The `predict-msa-from-sequences` endpoint takes the following parameters:

- `sequences`: An array of valid amino acid sequences. Refer to the table of **[amino acid codes](https://www.ebi.ac.uk/pdbe/docs/roadshow_tutorial/msdtarget/AAcodes.html)** if you are unsure if your sequence is valid.

- `databases`: A list containing any of `uniref90`, `mgnify`, and `small_bfd`. These databases contain sequences used to generate a Multiple Sequence Alignment (MSA) that is used as input to the structural prediction neural network in AlphaFold2. In general, passing all three databases will provide the most accurate structural prediction at the cost of requiring the longest runtime. If you must pick only one, `uniref90` is considered the best choice, though it is still recommended to run with all three.
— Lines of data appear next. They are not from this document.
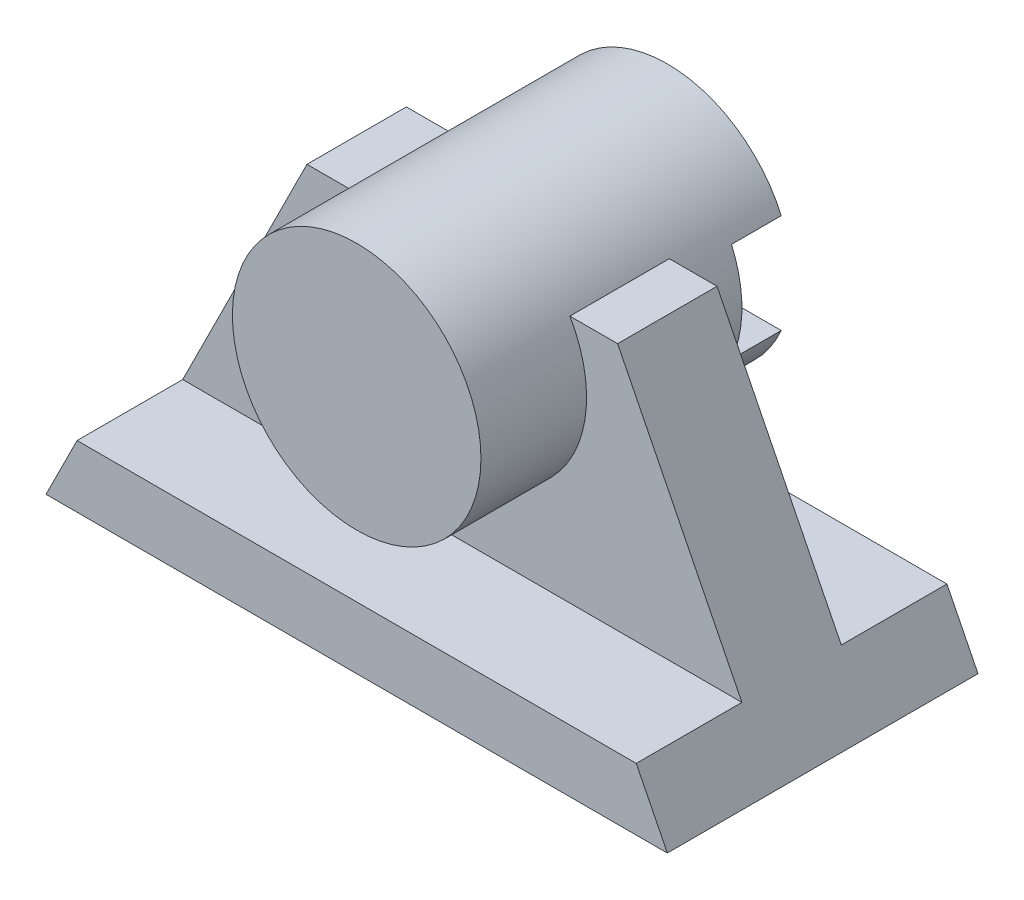
ISO-10303-21;
HEADER;
FILE_DESCRIPTION(('STEP AP214'),'2;1');
FILE_NAME('part.step','',(''),(''),'','','');
FILE_SCHEMA(('AUTOMOTIVE_DESIGN { 1 0 10303 214 1 1 1 1 }'));
ENDSEC;
DATA;
#1=APPLICATION_CONTEXT('core data for automotive mechanical design processes');
#2=APPLICATION_PROTOCOL_DEFINITION('international standard','automotive_design',2000,#1);
#3=PRODUCT_CONTEXT('',#1,'mechanical');
#4=PRODUCT('Part','Part','',(#3));
#5=PRODUCT_RELATED_PRODUCT_CATEGORY('part','',(#4));
#6=PRODUCT_DEFINITION_FORMATION('','',#4);
#7=PRODUCT_DEFINITION_CONTEXT('part definition',#1,'design');
#8=PRODUCT_DEFINITION('design','',#6,#7);
#9=PRODUCT_DEFINITION_SHAPE('','',#8);
#10=(LENGTH_UNIT() NAMED_UNIT(*) SI_UNIT(.MILLI.,.METRE.));
#11=(NAMED_UNIT(*) PLANE_ANGLE_UNIT() SI_UNIT($,.RADIAN.));
#12=(NAMED_UNIT(*) SI_UNIT($,.STERADIAN.) SOLID_ANGLE_UNIT());
#13=UNCERTAINTY_MEASURE_WITH_UNIT(LENGTH_MEASURE(1.E-05),#10,'distance_accuracy_value','');
#14=(GEOMETRIC_REPRESENTATION_CONTEXT(3) GLOBAL_UNCERTAINTY_ASSIGNED_CONTEXT((#13)) GLOBAL_UNIT_ASSIGNED_CONTEXT((#10,
#11,#12)) REPRESENTATION_CONTEXT('',''));
#15=CARTESIAN_POINT('',(0.,0.,0.));
#16=DIRECTION('',(0.,0.,1.));
#17=DIRECTION('',(1.,0.,0.));
#18=AXIS2_PLACEMENT_3D('',#15,#16,#17);
#19=CARTESIAN_POINT('',(50.,40.,-25.));
#20=DIRECTION('',(0.,0.,1.));
#21=DIRECTION('',(1.,0.,0.));
#22=AXIS2_PLACEMENT_3D('',#19,#20,#21);
#23=PLANE('',#22);
#24=CARTESIAN_POINT('',(50.,40.,-25.));
#25=DIRECTION('',(0.,0.,1.));
#26=DIRECTION('',(1.,0.,0.));
#27=AXIS2_PLACEMENT_3D('',#24,#25,#26);
#28=CIRCLE('',#27,20.);
#29=CARTESIAN_POINT('',(68.3303027798234,48.,-25.));
#30=VERTEX_POINT('',#29);
#31=CARTESIAN_POINT('',(31.6696972201766,48.,-25.));
#32=VERTEX_POINT('',#31);
#33=EDGE_CURVE('E172',#30,#32,#28,.T.);
#34=ORIENTED_EDGE('',*,*,#33,.F.);
#35=DIRECTION('',(1.,0.,0.));
#36=VECTOR('',#35,1.);
#37=CARTESIAN_POINT('',(31.6696972201766,48.,-25.));
#38=LINE('',#37,#36);
#39=EDGE_CURVE('E156',#32,#30,#38,.T.);
#40=ORIENTED_EDGE('',*,*,#39,.F.);
#41=EDGE_LOOP('',(#34,#40));
#42=FACE_BOUND('',#41,.T.);
#43=ADVANCED_FACE('F39',(#42),#23,.F.);
#44=CARTESIAN_POINT('',(75.,50.,8.));
#45=DIRECTION('',(0.,-1.,0.));
#46=DIRECTION('',(1.,0.,0.));
#47=AXIS2_PLACEMENT_3D('',#44,#45,#46);
#48=PLANE('',#47);
#49=DIRECTION('',(0.,0.,-1.));
#50=VECTOR('',#49,1.);
#51=CARTESIAN_POINT('',(32.6794919243112,50.,25.));
#52=LINE('',#51,#50);
#53=CARTESIAN_POINT('',(32.6794919243112,50.,-8.));
#54=VERTEX_POINT('',#53);
#55=CARTESIAN_POINT('',(32.6794919243112,50.,8.));
#56=VERTEX_POINT('',#55);
#57=EDGE_CURVE('E180',#54,#56,#52,.F.);
#58=ORIENTED_EDGE('',*,*,#57,.F.);
#59=DIRECTION('',(-1.,0.,0.));
#60=VECTOR('',#59,1.);
#61=CARTESIAN_POINT('',(75.,50.,-8.));
#62=LINE('',#61,#60);
#63=CARTESIAN_POINT('',(25.,50.,-8.));
#64=VERTEX_POINT('',#63);
#65=EDGE_CURVE('E205',#54,#64,#62,.T.);
#66=ORIENTED_EDGE('',*,*,#65,.T.);
#67=DIRECTION('',(0.,0.,-1.));
#68=VECTOR('',#67,1.);
#69=CARTESIAN_POINT('',(25.,50.,8.));
#70=LINE('',#69,#68);
#71=CARTESIAN_POINT('',(25.,50.,8.));
#72=VERTEX_POINT('',#71);
#73=EDGE_CURVE('E192',#72,#64,#70,.T.);
#74=ORIENTED_EDGE('',*,*,#73,.F.);
#75=DIRECTION('',(-1.,0.,0.));
#76=VECTOR('',#75,1.);
#77=CARTESIAN_POINT('',(75.,50.,8.));
#78=LINE('',#77,#76);
#79=EDGE_CURVE('E191',#56,#72,#78,.T.);
#80=ORIENTED_EDGE('',*,*,#79,.F.);
#81=EDGE_LOOP('',(#58,#66,#74,#80));
#82=FACE_BOUND('',#81,.T.);
#83=ADVANCED_FACE('F268',(#82),#48,.F.);
#84=DIRECTION('',(0.,0.,-1.));
#85=VECTOR('',#84,1.);
#86=CARTESIAN_POINT('',(67.3205080756888,50.,25.));
#87=LINE('',#86,#85);
#88=CARTESIAN_POINT('',(67.3205080756888,50.,8.));
#89=VERTEX_POINT('',#88);
#90=CARTESIAN_POINT('',(67.3205080756888,50.,-8.));
#91=VERTEX_POINT('',#90);
#92=EDGE_CURVE('E174',#89,#91,#87,.T.);
#93=ORIENTED_EDGE('',*,*,#92,.F.);
#94=CARTESIAN_POINT('',(75.,50.,8.));
#95=VERTEX_POINT('',#94);
#96=EDGE_CURVE('E195',#95,#89,#78,.T.);
#97=ORIENTED_EDGE('',*,*,#96,.F.);
#98=DIRECTION('',(0.,0.,-1.));
#99=VECTOR('',#98,1.);
#100=CARTESIAN_POINT('',(75.,50.,8.));
#101=LINE('',#100,#99);
#102=CARTESIAN_POINT('',(75.,50.,-8.));
#103=VERTEX_POINT('',#102);
#104=EDGE_CURVE('E210',#95,#103,#101,.T.);
#105=ORIENTED_EDGE('',*,*,#104,.T.);
#106=EDGE_CURVE('E189',#103,#91,#62,.T.);
#107=ORIENTED_EDGE('',*,*,#106,.T.);
#108=EDGE_LOOP('',(#93,#97,#105,#107));
#109=FACE_BOUND('',#108,.T.);
#110=ADVANCED_FACE('F290',(#109),#48,.F.);
#111=CARTESIAN_POINT('',(95.,10.,25.));
#112=DIRECTION('',(0.,-1.,0.));
#113=DIRECTION('',(1.,0.,0.));
#114=AXIS2_PLACEMENT_3D('',#111,#112,#113);
#115=PLANE('',#114);
#116=DIRECTION('',(1.,0.,0.));
#117=VECTOR('',#116,1.);
#118=CARTESIAN_POINT('',(5.,9.99999999999999,8.));
#119=LINE('',#118,#117);
#120=CARTESIAN_POINT('',(5.,9.99999999999999,8.));
#121=VERTEX_POINT('',#120);
#122=CARTESIAN_POINT('',(95.,10.,8.));
#123=VERTEX_POINT('',#122);
#124=EDGE_CURVE('E188',#121,#123,#119,.T.);
#125=ORIENTED_EDGE('',*,*,#124,.F.);
#126=DIRECTION('',(0.,0.,-1.));
#127=VECTOR('',#126,1.);
#128=CARTESIAN_POINT('',(5.,9.99999999999999,25.));
#129=LINE('',#128,#127);
#130=CARTESIAN_POINT('',(5.,9.99999999999999,25.));
#131=VERTEX_POINT('',#130);
#132=EDGE_CURVE('E234',#131,#121,#129,.T.);
#133=ORIENTED_EDGE('',*,*,#132,.F.);
#134=DIRECTION('',(-1.,0.,0.));
#135=VECTOR('',#134,1.);
#136=CARTESIAN_POINT('',(95.,10.,25.));
#137=LINE('',#136,#135);
#138=CARTESIAN_POINT('',(95.,10.,25.));
#139=VERTEX_POINT('',#138);
#140=EDGE_CURVE('E218',#139,#131,#137,.T.);
#141=ORIENTED_EDGE('',*,*,#140,.F.);
#142=DIRECTION('',(0.,0.,-1.));
#143=VECTOR('',#142,1.);
#144=CARTESIAN_POINT('',(95.,10.,25.));
#145=LINE('',#144,#143);
#146=EDGE_CURVE('E232',#139,#123,#145,.T.);
#147=ORIENTED_EDGE('',*,*,#146,.T.);
#148=EDGE_LOOP('',(#125,#133,#141,#147));
#149=FACE_BOUND('',#148,.T.);
#150=ADVANCED_FACE('F279',(#149),#115,.F.);
#151=CARTESIAN_POINT('',(5.,9.99999999999999,25.));
#152=DIRECTION('',(0.894427190999916,-0.447213595499958,0.));
#153=DIRECTION('',(0.447213595499958,0.894427190999916,0.));
#154=AXIS2_PLACEMENT_3D('',#151,#152,#153);
#155=PLANE('',#154);
#156=DIRECTION('',(-0.447213595499958,-0.894427190999916,0.));
#157=VECTOR('',#156,1.);
#158=CARTESIAN_POINT('',(5.,9.99999999999999,-25.));
#159=LINE('',#158,#157);
#160=CARTESIAN_POINT('',(5.,9.99999999999999,-25.));
#161=VERTEX_POINT('',#160);
#162=CARTESIAN_POINT('',(0.,0.,-25.));
#163=VERTEX_POINT('',#162);
#164=EDGE_CURVE('E209',#161,#163,#159,.T.);
#165=ORIENTED_EDGE('',*,*,#164,.T.);
#166=DIRECTION('',(0.,0.,-1.));
#167=VECTOR('',#166,1.);
#168=CARTESIAN_POINT('',(0.,0.,25.));
#169=LINE('',#168,#167);
#170=CARTESIAN_POINT('',(0.,0.,25.));
#171=VERTEX_POINT('',#170);
#172=EDGE_CURVE('E50',#171,#163,#169,.T.);
#173=ORIENTED_EDGE('',*,*,#172,.F.);
#174=DIRECTION('',(-0.447213595499958,-0.894427190999916,0.));
#175=VECTOR('',#174,1.);
#176=CARTESIAN_POINT('',(5.,9.99999999999999,25.));
#177=LINE('',#176,#175);
#178=EDGE_CURVE('E211',#131,#171,#177,.T.);
#179=ORIENTED_EDGE('',*,*,#178,.F.);
#180=ORIENTED_EDGE('',*,*,#132,.T.);
#181=DIRECTION('',(-0.447213595499958,-0.894427190999916,0.));
#182=VECTOR('',#181,1.);
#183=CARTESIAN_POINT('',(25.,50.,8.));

- `algorithm`: The algorithm used for Multiple Sequence Alignment. Currently, only `jackhmmer` is supported.

- `e_value`: The sequence e-value for filtering sequences in the MSA. Smaller implies stricter alignments - fewer sequences with higher probability of origin will be included, but this will also reduce the sensitivity of the MSA. The default value of `0.0001` is in general a good choice. This value ranges from 0 to 1.

- `bit_score` The sequence bit-score to use for filtering before MSA. If passed, this is used in place of e-value for filtering. A good starting place is around `200`. This value is greater than zero.

- `iterations`: The number of MSA iterations to perform. In general, the default `iterations=1` is sufficient and takes the least amount of time.

## Predict Protein Structure from MSAs

The `predict-structure-from-msa` endpoint takes the results of the predict-msa-from-sequences endpoint and runs structural prediction.

**Note**: We do not recommend running the msa-to-structure prediction using CURL. This is because the inputs have characters that require careful escaping in bash. For the best user experience, we recommend interacting with this endpoint via the Python requests module.

The `predict-structure-from-msa` endpoint takes the following arguments:

- `sequences`: An array of valid amino acid sequences. Refer to the table of **[amino acid codes](https://www.ebi.ac.uk/pdbe/docs/roadshow_tutorial/msdtarget/AAcodes.html)** if you are unsure if your sequence is valid.

- `alignments`: The MSA results from `predict-msa-from-sequences`. This is an array of dictionaries of tuples of the form: `{&lt;db name&gt; : {&lt;db name&gt;, &lt;MSA output&gt;, &lt;MSA output format&gt;}}`, one for each input amino acid sequence.

- `templates`: Templates from the structural database search. These are in a format specific to the internals of AlphaFold2; more detils of the fields can be found here.

- relax_prediction: Set to True to run structural relaxation after prediction. This is set to True by default and helps fix clashes in the predicted structure.